Reduction of charge offset drift using plasma oxidized aluminum in SETs
Yanxue Hong, Ryan M. Stein, Michael D. Stewart, Neil M. Zimmerman, Joshua M. Pomeroy
Aluminum oxide (AlOx)-based single-electron transistors (SETs) fabricated in ultra-high vacuum (UHV) chambers using in situ plasma oxidation show excellent stabilities over more than a week, enabling applications as tunnel barriers, capacitor dielectrics or gate insulators in close proximity to qubit devices. Historically, AlOx-based SETs exhibit time instabilities due to charge defect rearrangements and defects in AlOx often dominate the loss mechanisms in superconducting quantum computation. To characterize the charge offset stability of our AlOx-based devices, we fabricate SETs with sub-1 e charge sensitivity and utilize charge offset drift measurements (measuring voltage shifts in the SET control curve).
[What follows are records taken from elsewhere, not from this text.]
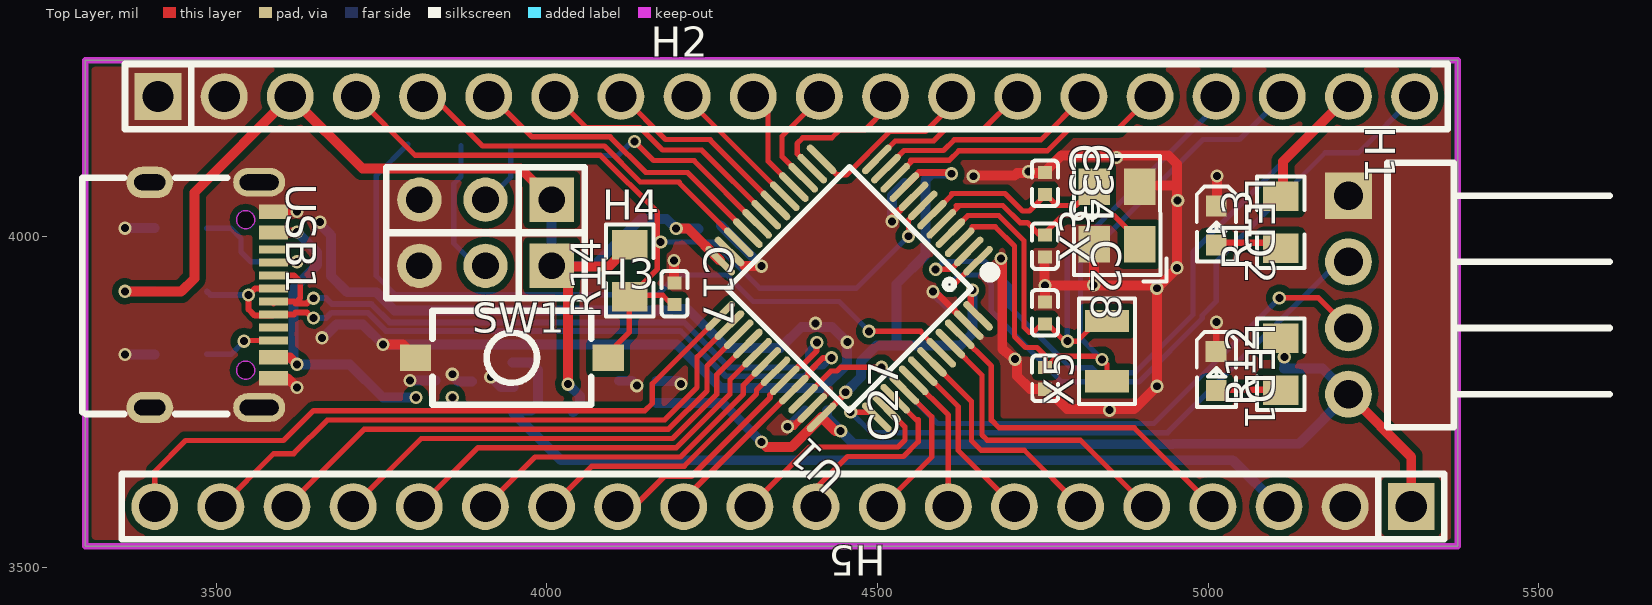
[diagram p0: Top Layer view]
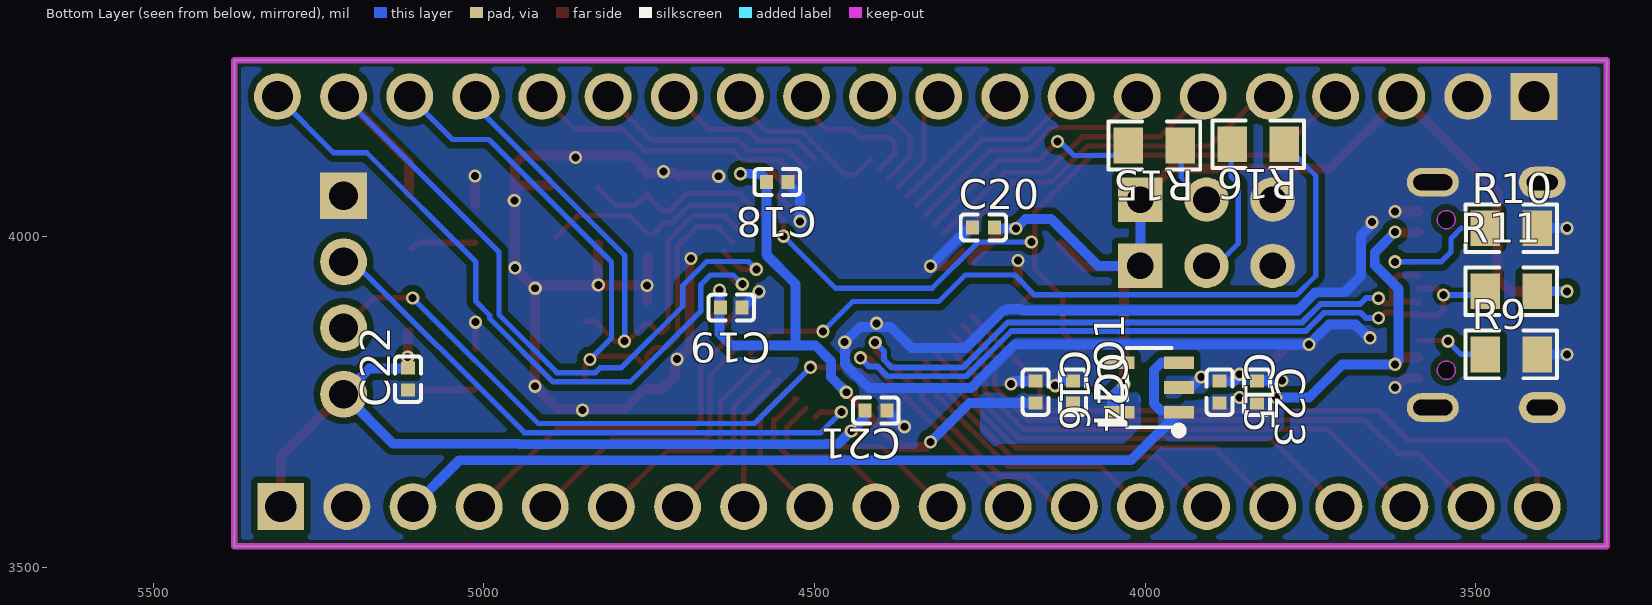
[diagram p1: Bottom Layer view, seen from below]
# Altium PCB MISC51884.pcbdoc
Units mil, origin at the board's own origin, x right, y up, seen from the top; angles counter-clockwise.
Board outline 2075 x 735 mil, 2 copper layers (Top Layer, Bottom Layer), stack 62.205 mil thick; 35 components, 49 nets, 175 pads, 64 vias.

## Layer stack, top to bottom
Top Solder Mask Layer: solder mask 0.394, Dk 3.3
Top Layer: signal copper 1.378
Dielectric1: surface 59.449, FR4, Dk 4.5
Bottom Layer: signal copper 1.378
Bottom Solder Mask Layer: solder mask 0.394, Dk 3.3

## Board outline
3301.94,4266.99 3301.94,3531.99 5376.94,3531.99 5376.94,4266.99

## Design rules (kind name [scope] priority, off if disabled: settings)
BoardOutlineClearance copperThickness2oz_1 [All] p2 off: genericclearance=7.99 ignorepadtopadclearanceinfootprint=FALSE except(0: Arc-SplitContinuation Track-SplitContinuation SMDPad-SplitContinuation THPad-SplitContinuation Via-SplitContinuation Fill-SplitContinuation Region-SplitContinuation Poly-SplitContinuation Text-SplitContinuation Hole-SplitContinuation; 5.98: Arc-CutoutEdge SMDPad-CutoutEdge THPad-CutoutEdge Via-CutoutEdge Fill-CutoutEdge Region-CutoutEdge Text-CutoutEdge; 6.93: Hole-OutlineEdge Hole-CutoutEdge; 10: Poly-OutlineEdge Poly-CutoutEdge; 11.81: Arc-OutlineEdge Track-OutlineEdge SMDPad-OutlineEdge THPad-OutlineEdge Via-OutlineEdge Fill-OutlineEdge Region-OutlineEdge Text-OutlineEdge Track-CutoutEdge)
BoardOutlineClearance safeClearance1_1 [All] p4: genericclearance=6 ignorepadtopadclearanceinfootprint=FALSE except(0: Arc-SplitContinuation Track-SplitContinuation SMDPad-SplitContinuation THPad-SplitContinuation Via-SplitContinuation Fill-SplitContinuation Region-SplitContinuation Poly-SplitContinuation Text-SplitContinuation Hole-SplitContinuation; 6: Arc-CutoutEdge Track-CutoutEdge SMDPad-CutoutEdge THPad-CutoutEdge Via-CutoutEdge Fill-CutoutEdge Region-CutoutEdge Text-CutoutEdge Hole-CutoutEdge; 10: Poly-OutlineEdge Poly-CutoutEdge; 11.8: Arc-OutlineEdge Track-OutlineEdge SMDPad-OutlineEdge THPad-OutlineEdge Via-OutlineEdge Fill-OutlineEdge Region-OutlineEdge Text-OutlineEdge Hole-OutlineEdge)
BoardOutlineClearance copperThickness1oz_1 [All] p6: genericclearance=6 ignorepadtopadclearanceinfootprint=FALSE except(0: Arc-SplitContinuation Track-SplitContinuation SMDPad-SplitContinuation THPad-SplitContinuation Via-SplitContinuation Fill-SplitContinuation Region-SplitContinuation Poly-SplitContinuation Text-SplitContinuation Hole-SplitContinuation; 6: Track-CutoutEdge SMDPad-CutoutEdge THPad-CutoutEdge Via-CutoutEdge Text-CutoutEdge; 6.93: Hole-OutlineEdge Hole-CutoutEdge; 10: Poly-OutlineEdge Poly-CutoutEdge; 11.8: Arc-OutlineEdge Track-OutlineEdge SMDPad-OutlineEdge THPad-OutlineEdge Via-OutlineEdge Fill-OutlineEdge Region-OutlineEdge Text-OutlineEdge Fill-CutoutEdge Region-CutoutEdge; 11.81: Arc-CutoutEdge)
Clearance copperThickness2oz [All] p1 off: gap=7.99 ignorepadtopadclearanceinfootprint=FALSE except(5.98: SMDPad-Track SMDPad-SMDPad THPad-Track SMDPad-THPad THPad-THPad Track-Via SMDPad-Via THPad-Via Via-Via Fill-Track Region-Track Fill-SMDPad Region-SMDPad Fill-THPad Region-THPad Fill-Via Region-Via Fill-Fill Fill-Region Region-Region Arc-Track Arc-SMDPad Arc-THPad Arc-Via Fill-Arc Region-Arc Arc-Arc Text-Track SMDPad-Text Text-THPad Text-Via Fill-Text Region-Text Arc-Text Text-Text; 6.93: Hole-Track Hole-SMDPad Hole-THPad Hole-Via Fill-Hole Region-Hole Hole-Arc Hole-Text; 10: Poly-Track Poly-SMDPad Poly-THPad Poly-Via Poly-Fill Poly-Region Poly-Poly Poly-Arc Poly-Text Poly-Hole)
Clearance safeClearance1 [(InNet('USB_D-_PA11')) vs (InNet('GND'))] p3: gap=6 ignorepadtopadclearanceinfootprint=FALSE except(10: Poly-Arc Poly-Text Poly-Hole)
Clearance copperThickness1oz [All] p5: gap=6 ignorepadtopadclearanceinfootprint=FALSE except(5.98: SMDPad-Track SMDPad-SMDPad THPad-Track SMDPad-THPad THPad-THPad Track-Via SMDPad-Via THPad-Via Via-Via Fill-SMDPad Region-SMDPad Fill-THPad Region-THPad Fill-Via Region-Via Fill-Fill Fill-Region Region-Region; 6.93: Hole-Track Hole-SMDPad Hole-THPad Hole-Via Fill-Hole Region-Hole Hole-Arc Hole-Text; 10: Poly-Track Poly-SMDPad Poly-THPad Poly-Via Poly-Fill Poly-Region Poly-Poly Poly-Arc Poly-Text Poly-Hole; 11.8: Fill-Track Region-Track)
DiffPairsRouting differentialPair [All] p1: maxlimit=6 minlimit=6 mostfreqgap=6 toplayer_minwidth=5 toplayer_prefwidth=9 toplayer_maxwidth=100 toplayer_mingap=4 toplayer_prefgap=5 toplayer_maxgap=5 bottomlayer_minwidth=5 bottomlayer_prefwidth=9 bottomlayer_maxwidth=100 bottomlayer_mingap=4 bottomlayer_prefgap=5 bottomlayer_maxgap=5 maxuncoupledlength=1000
HoleToHoleClearance otherClearance [All] p1: gap=11.81 allowstackedmicrovias=TRUE
Length netLength [All] p1: minlimit=0 maxlimit=0
MatchedLengths netLengthTolerance [All] p1: tolerance=1000
PasteMaskExpansion pasteMaskExpansion [All] p1: expansion=0
PlaneConnect innerPlane [All] p1: planeconnectstyle=Relief reliefexpansion=20 reliefentries=4 reliefconductorwidth=10 reliefairgap=10
PolygonConnect "copperRegion_Top Layer" [(InNet('GND')) And OnLayer('Top Layer')] p1: connectstyle=Direct reliefconductorwidth=10 reliefentries=4 polygonreliefangle="90 Angle" airgapwidth=10 via.connectstyle=Relief via.reliefconductorwidth=10 via.reliefentries=4 via.polygonreliefangle="90 Angle" via.airgapwidth=10
PolygonConnect "copperRegion_Bottom Layer" [(InNet('GND')) And OnLayer('Bottom Layer')] p2: connectstyle=Direct reliefconductorwidth=10 reliefentries=4 polygonreliefangle="90 Angle" airgapwidth=10 via.connectstyle=Relief via.reliefconductorwidth=10 via.reliefentries=4 via.polygonreliefangle="90 Angle" via.airgapwidth=10
PolygonConnect copperRegion [(InNet('GND'))] p3: connectstyle=Direct reliefconductorwidth=10 reliefentries=4 polygonreliefangle="90 Angle" airgapwidth=10 via.connectstyle=Relief via.reliefconductorwidth=10 via.reliefentries=4 via.polygonreliefangle="90 Angle" via.airgapwidth=10
RoutingVias viaSize [All] p1: holewidth=12 width=20 viastyle="Through Hole" minholewidth=11.81 minwidth=19.68 maxholewidth=248.03 maxwidth=393.7
SolderMaskExpansion solderMaskExpansion [IsVia] p1: expansion=-1000 istentingtop=TRUE
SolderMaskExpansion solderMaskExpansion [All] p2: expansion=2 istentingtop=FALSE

The charge offset drift (ΔQ0) measured from the plasma oxidized AlOx SETs in this work is remarkably reduced (best ΔQ0 = 0.13e ± 0.01e over ≈ 7.6 days and no observation of ΔQ0 exceeding 1e), compared to the results of conventionally fabricated AlOx tunnel barriers in previous studies (best ΔQ0 = 0.43e ± 0.007e over ≈ 9 days and most ΔQ0 ≥ 1e within one day). We attribute this improvement primarily to using plasma oxidation, which forms the tunnel barrier with fewer two-level system (TLS) defects, and secondarily to fabricating the devices entirely within a UHV system.